Arthon le rejoignit au promontoire, laissant une distance respectueuse entre eux. Depuis ce point de vue, la terre s'étendait dans toutes les directions. De petites collines ondulaient, se fondant dans des plaines lointaines où des routes convergeaient comme des ruisseaux se jetant dans un océan invisible. À l'ouest, une ligne brumeuse de montagnes formait l'horizon. C'était un monde en miniature, chaque parcelle de terre, chaque rivière sinueuse, chaque chemin poussiéreux rendu petit mais distinct sous l'immense voûte céleste.
« C'est magnifique, » murmura Arthon. Le vent jouait avec ses cheveux, envoyant un frisson doux sur ses joues. « On dirait une carte animée. »
L'homme expira doucement, son regard parcourant le panorama. « Je viens souvent ici pour me rappeler que le monde est plus grand que mes préoccupations quotidiennes. Je peux regarder les orages arriver, les voir traverser les champs. Parfois, je peux même deviner où la pluie tombera, bien que le vent me trompe souvent. » Il tapota un rocher de l'extrémité de son bâton. « Je m'appelle Garrin. »
« Arthon, » répondit le voyageur avec une légère inclinaison de tête. « Je suis en route pour un long voyage, mais sans hâte. J'apprends de chaque endroit et de chaque personne que je rencontre. Dernièrement, j'ai ressenti le besoin de voir une vue d'ensemble. C'est pourquoi j'ai choisi ce chemin. »

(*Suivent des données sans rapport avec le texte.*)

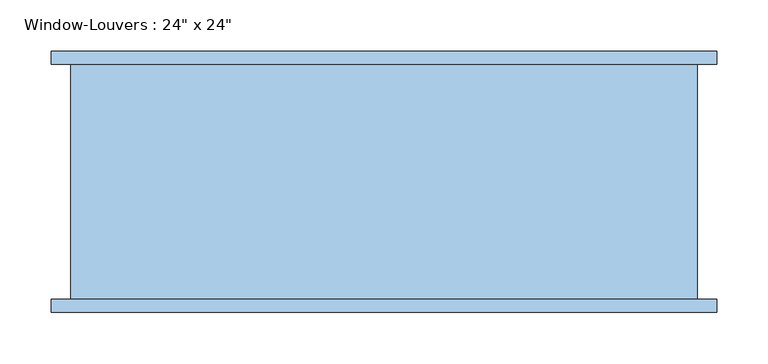
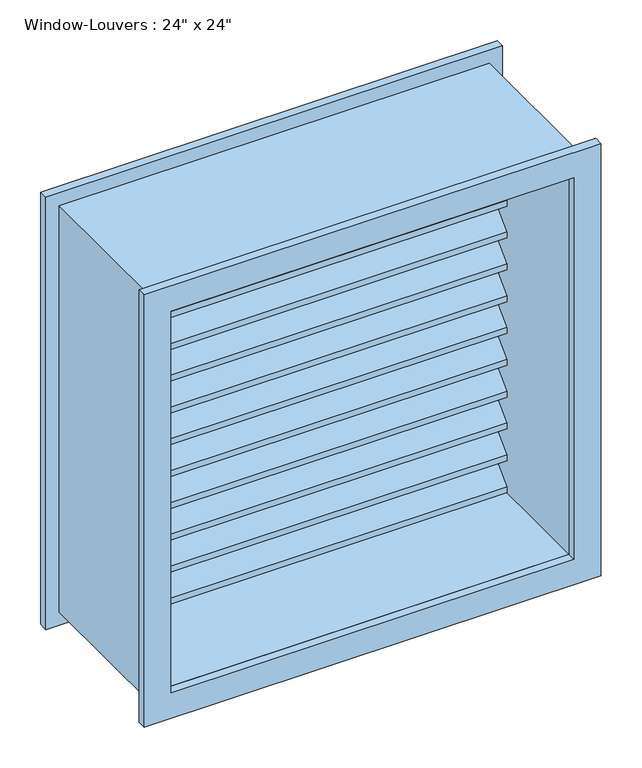
"""IFC4 building model written with IfcOpenShell, lengths in millimetres: window geometry."""

from ifc_helpers import new_model, si_unit, frame, origin, place, context, project, spatial, polyline, outline, extrude, source, transform, mapped, element, save


def window_f2d8fef0(model_context):
    return source(origin(), model_context, "Body", "SweptSolid", [
        extrude(outline(polyline([(107.95, 1419.1754778), (107.95, 1410.1952217), (69.85, 1448.2952217), (31.75, 1410.1952217), (31.75, 1419.1754778), (69.85, 1457.2754778), (107.95, 1419.1754778)])), frame((-285.75, 0.0, 0.0), z_axis=(1.0, 0.0, 0.0), x_axis=(0.0, 1.0, 0.0)), (0.0, 0.0, 1.0), 571.5),
        extrude(outline(polyline([(107.95, 1371.5009557), (107.95, 1362.5206995), (69.85, 1400.6206995), (31.75, 1362.5206995), (31.75, 1371.5009557), (69.85, 1409.6009557), (107.95, 1371.5009557)])), frame((-285.75, 0.0, 0.0), z_axis=(1.0, 0.0, 0.0), x_axis=(0.0, 1.0, 0.0)), (0.0, 0.0, 1.0), 571.5),
        extrude(outline(polyline([(107.95, 1323.8264335), (107.95, 1314.8461774), (69.85, 1352.9461774), (31.75, 1314.8461774), (31.75, 1323.8264335), (69.85, 1361.9264335), (107.95, 1323.8264335)])), frame((-285.75, 0.0, 0.0), z_axis=(1.0, 0.0, 0.0), x_axis=(0.0, 1.0, 0.0)), (0.0, 0.0, 1.0), 571.5),
        extrude(outline(polyline([(107.95, 1276.1519113), (107.95, 1267.1716552), (69.85, 1305.2716552), (31.75, 1267.1716552), (31.75, 1276.1519113), (69.85, 1314.2519113), (107.95, 1276.1519113)])), frame((-285.75, 0.0, 0.0), z_axis=(1.0, 0.0, 0.0), x_axis=(0.0, 1.0, 0.0)), (0.0, 0.0, 1.0), 571.5),
        extrude(outline(polyline([(107.95, 1228.4773891), (107.95, 1219.497133), (69.85, 1257.597133), (31.75, 1219.497133), (31.75, 1228.4773891), (69.85, 1266.5773891), (107.95, 1228.4773891)])), frame((-285.75, 0.0, 0.0), z_axis=(1.0, 0.0, 0.0), x_axis=(0.0, 1.0, 0.0)), (0.0, 0.0, 1.0), 571.5),
        extrude(outline(polyline([(107.95, 1180.802867), (107.95, 1171.8226109), (69.85, 1209.9226109), (31.75, 1171.8226109), (31.75, 1180.802867), (69.85, 1218.902867), (107.95, 1180.802867)])), frame((-285.75, 0.0, 0.0), z_axis=(1.0, 0.0, 0.0), x_axis=(0.0, 1.0, 0.0)), (0.0, 0.0, 1.0), 571.5),
        extrude(outline(polyline([(107.95, 1133.1283448), (107.95, 1124.1480887), (69.85, 1162.2480887), (31.75, 1124.1480887), (31.75, 1133.1283448), (69.85, 1171.2283448), (107.95, 1133.1283448)])), frame((-285.75, 0.0, 0.0), z_axis=(1.0, 0.0, 0.0), x_axis=(0.0, 1.0, 0.0)), (0.0, 0.0, 1.0), 571.5),
        extrude(outline(polyline([(107.95, 1085.4538226), (107.95, 1076.4735665), (69.85, 1114.5735665), (31.75, 1076.4735665), (31.75, 1085.4538226), (69.85, 1123.5538226), (107.95, 1085.4538226)])), frame((-285.75, 0.0, 0.0), z_axis=(1.0, 0.0, 0.0), x_axis=(0.0, 1.0, 0.0)), (0.0, 0.0, 1.0), 571.5),
        extrude(outline(polyline([(107.95, 1037.7793005), (107.95, 1028.7990443), (69.85, 1066.8990443), (31.75, 1028.7990443), (31.75, 1037.7793005), (69.85, 1075.8793005), (107.95, 1037.7793005)])), frame((-285.75, 0.0, 0.0), z_axis=(1.0, 0.0, 0.0), x_axis=(0.0, 1.0, 0.0)), (0.0, 0.0, 1.0), 571.5),
        extrude(outline(polyline([(107.95, 990.1047783), (107.95, 981.1245222), (69.85, 1019.2245222), (31.75, 981.1245222), (31.75, 990.1047783), (69.85, 1028.2047783), (107.95, 990.1047783)])), frame((-285.75, 0.0, 0.0), z_axis=(1.0, 0.0, 0.0), x_axis=(0.0, 1.0, 0.0)), (0.0, 0.0, 1.0), 571.5),
        extrude(outline(polyline([(107.95, 1466.85), (107.95, 1457.8697439), (69.85, 1495.9697439), (31.75, 1457.8697439), (31.75, 1466.85), (69.85, 1504.95), (107.95, 1466.85)])), frame((-285.75, 0.0, 0.0), z_axis=(1.0, 0.0, 0.0), x_axis=(0.0, 1.0, 0.0)), (0.0, 0.0, 1.0), 571.5),
        extrude(outline(polyline([(107.95, 942.4302561), (107.95, 933.45), (69.85, 971.55), (31.75, 933.45), (31.75, 942.4302561), (69.85, 980.5302561), (107.95, 942.4302561)])), frame((-285.75, 0.0, 0.0), z_axis=(1.0, 0.0, 0.0), x_axis=(0.0, 1.0, 0.0)), (0.0, 0.0, 1.0), 571.5),
        extrude(outline(polyline([(1524.0, 304.8), (1524.0, -304.8), (914.4, -304.8), (914.4, 304.8), (1524.0, 304.8)]), holes=[polyline([(1504.95, 285.75), (933.45, 285.75), (933.45, -285.75), (1504.95, -285.75), (1504.95, 285.75)])]), frame((0.0, -120.65, 0.0), z_axis=(0.0, 1.0, 0.0), x_axis=(0.0, 0.0, 1.0)), (0.0, 0.0, 1.0), 228.6),
        extrude(outline(polyline([(1543.05, 323.85), (1543.05, -323.85), (895.35, -323.85), (895.35, 323.85), (1543.05, 323.85)]), holes=[polyline([(1504.95, 285.75), (933.45, 285.75), (933.45, -285.75), (1504.95, -285.75), (1504.95, 285.75)])]), frame((0.0, -133.35, 0.0), z_axis=(0.0, 1.0, 0.0), x_axis=(0.0, 0.0, 1.0)), (0.0, 0.0, 1.0), 12.7),
        extrude(outline(polyline([(1543.05, -323.85), (895.35, -323.85), (895.35, 323.85), (1543.05, 323.85), (1543.05, -323.85)]), holes=[polyline([(1504.95, -285.75), (1504.95, 285.75), (933.45, 285.75), (933.45, -285.75), (1504.95, -285.75)])]), frame((0.0, 107.95, 0.0), z_axis=(0.0, 1.0, 0.0), x_axis=(0.0, 0.0, 1.0)), (0.0, 0.0, 1.0), 12.7),
    ])


if __name__ == "__main__":
    model = new_model("IFC4")
    model_context = context("Model", 3, world=origin())
    ifc_project = project(units=[si_unit("LENGTHUNIT", "METRE", prefix="MILLI")], contexts=[model_context])
    site = spatial("IfcSite", under=ifc_project)
    building = spatial("IfcBuilding", under=site)
    placement = place(None, origin())
    window_shape = window_f2d8fef0(model_context)
    element("IfcWindow", 1, ObjectType="Window-Louvers : 24\" x 24\"", at=placement, inside=building, context=model_context, shape_type="MappedRepresentation", body=[
        mapped(window_shape, transform((0.0, 0.0, 0.0), x_axis=(1.0, 0.0, 0.0), y_axis=(0.0, 1.0, 0.0), z_axis=(0.0, 0.0, 1.0))),
    ])
    save(model, "model.ifc")

# Revit data of these elements
# Type "Window-Louvers : 24\" x 24\""
#   Type Mark = "20"
#   Construction Type Id = "GSP4R"
#   Assembly Code = "B20"
#   Analytic Construction = "1/8 in Pilkington single glazing"
#   Visual Light Transmittance = 0.9
#   Thermal Resistance (R) = 1.53941 (h·ft²·°F)/BTU
#   Solar Heat Gain Coefficient = 0.78
#   Max Height = 1' - 11.74264"
#   Height = 2' - 0"
#   Heat Transfer Coefficient (U) = 0.6496 BTU/(h·ft²·°F)
#   Blade Width [instance default] = 1' - 10 1/2"
#   Blade Vertical Thickness = 0' - 0.35355"
#   Blade Thickness = 0' - 0 1/4"
#   Blade Spacing = 0' - 1 1/2"
#   Blade Height = 0' - 1.85355"
#   Blade Depth = 0' - 3"
#   Blade Angle = 45.00°
#   Default Sill Height = 3' - 0"
#   Trim Projection_Exterior = 0' - 0 1/2"
#   Trim Projection_Interior = 0' - 0 1/2"
#   Trim Width_Exterior = 0' - 1 1/2"
#   Trim Width_Interior = 0' - 1 1/2"
#   Width = 2' - 0"
#   Max Blade Count = 12
#   Define Thermal Properties by = 1
#   Blade Count = 12
#   Frame Material = Birch
#   Louver Material = Birch
#   Trim Exterior Material = Birch
#   Trim Interior Material = Birch
#   Wall Closure = (empty or 0)
# Element 1 (IfcWindow, "Window-Louvers : 24\" x 24\"")
#   Materials on its faces: "Birch"
# Materials
#   "Birch": class "Wood", colour RGB 224 178 126, transparency 0, Description = "Betula Alleghaniensis", Cost = 0

Garrin l'étudia avec une curiosité tranquille. De près, Arthon remarqua de fines lignes autour des yeux de l'homme—les marques de quelqu'un ayant passé de nombreuses heures à scruter le soleil, le vent, ou peut-être ses propres pensées profondes. « Vous avez trouvé le bon endroit, » dit Garrin. « Ce plateau offre une perspective rare. Restez un moment, si vous n'êtes pas pressé. La lumière change au fil de l'après-midi, et chaque angle révèle quelque chose de nouveau. »
« J'aimerais cela, » répondit Arthon, ressentant un mélange de soulagement et d'excitation à cette invitation. Il déposa son sac, sortit sa gourde et prit une petite gorgée. L'air frais, combiné à l'effort de la montée, le laissait agréablement fatigué mais aussi éveillé d'une manière plus profonde, comme si son esprit était plus ouvert.
Les deux hommes restèrent en silence, absorbés par le paysage. Arthon sentit les mots naître en lui, de petites lignes comme des graines prêtes à être plantées. Il ne saisit pas immédiatement son morceau de papier et son charbon. Il préférait laisser l'inspiration se déployer lentement, convaincu que les mots resteraient tant que son attention serait sincère. Quand le soleil se mit à descendre, Arthon écrivit :
Au-dessus des routes sinueuses,
Où les nuages dérivent dans un calme doré,
Nous voyons la tapisserie :
Le coucher du soleil tissant des histoires dans l'ombre,
Et chaque vie un fil,
S'illuminant, puis disparaissant dans le crépuscule.
Lorsqu'il lut les lignes à voix haute, Garrin hocha la tête avec approbation. « Vous avez l'âme d'un poète, » dit-il doucement. Arthon sentit une gratitude sincère grandir en lui, convaincu qu'il venait d'ajouter un fil précieux à sa propre tapisserie.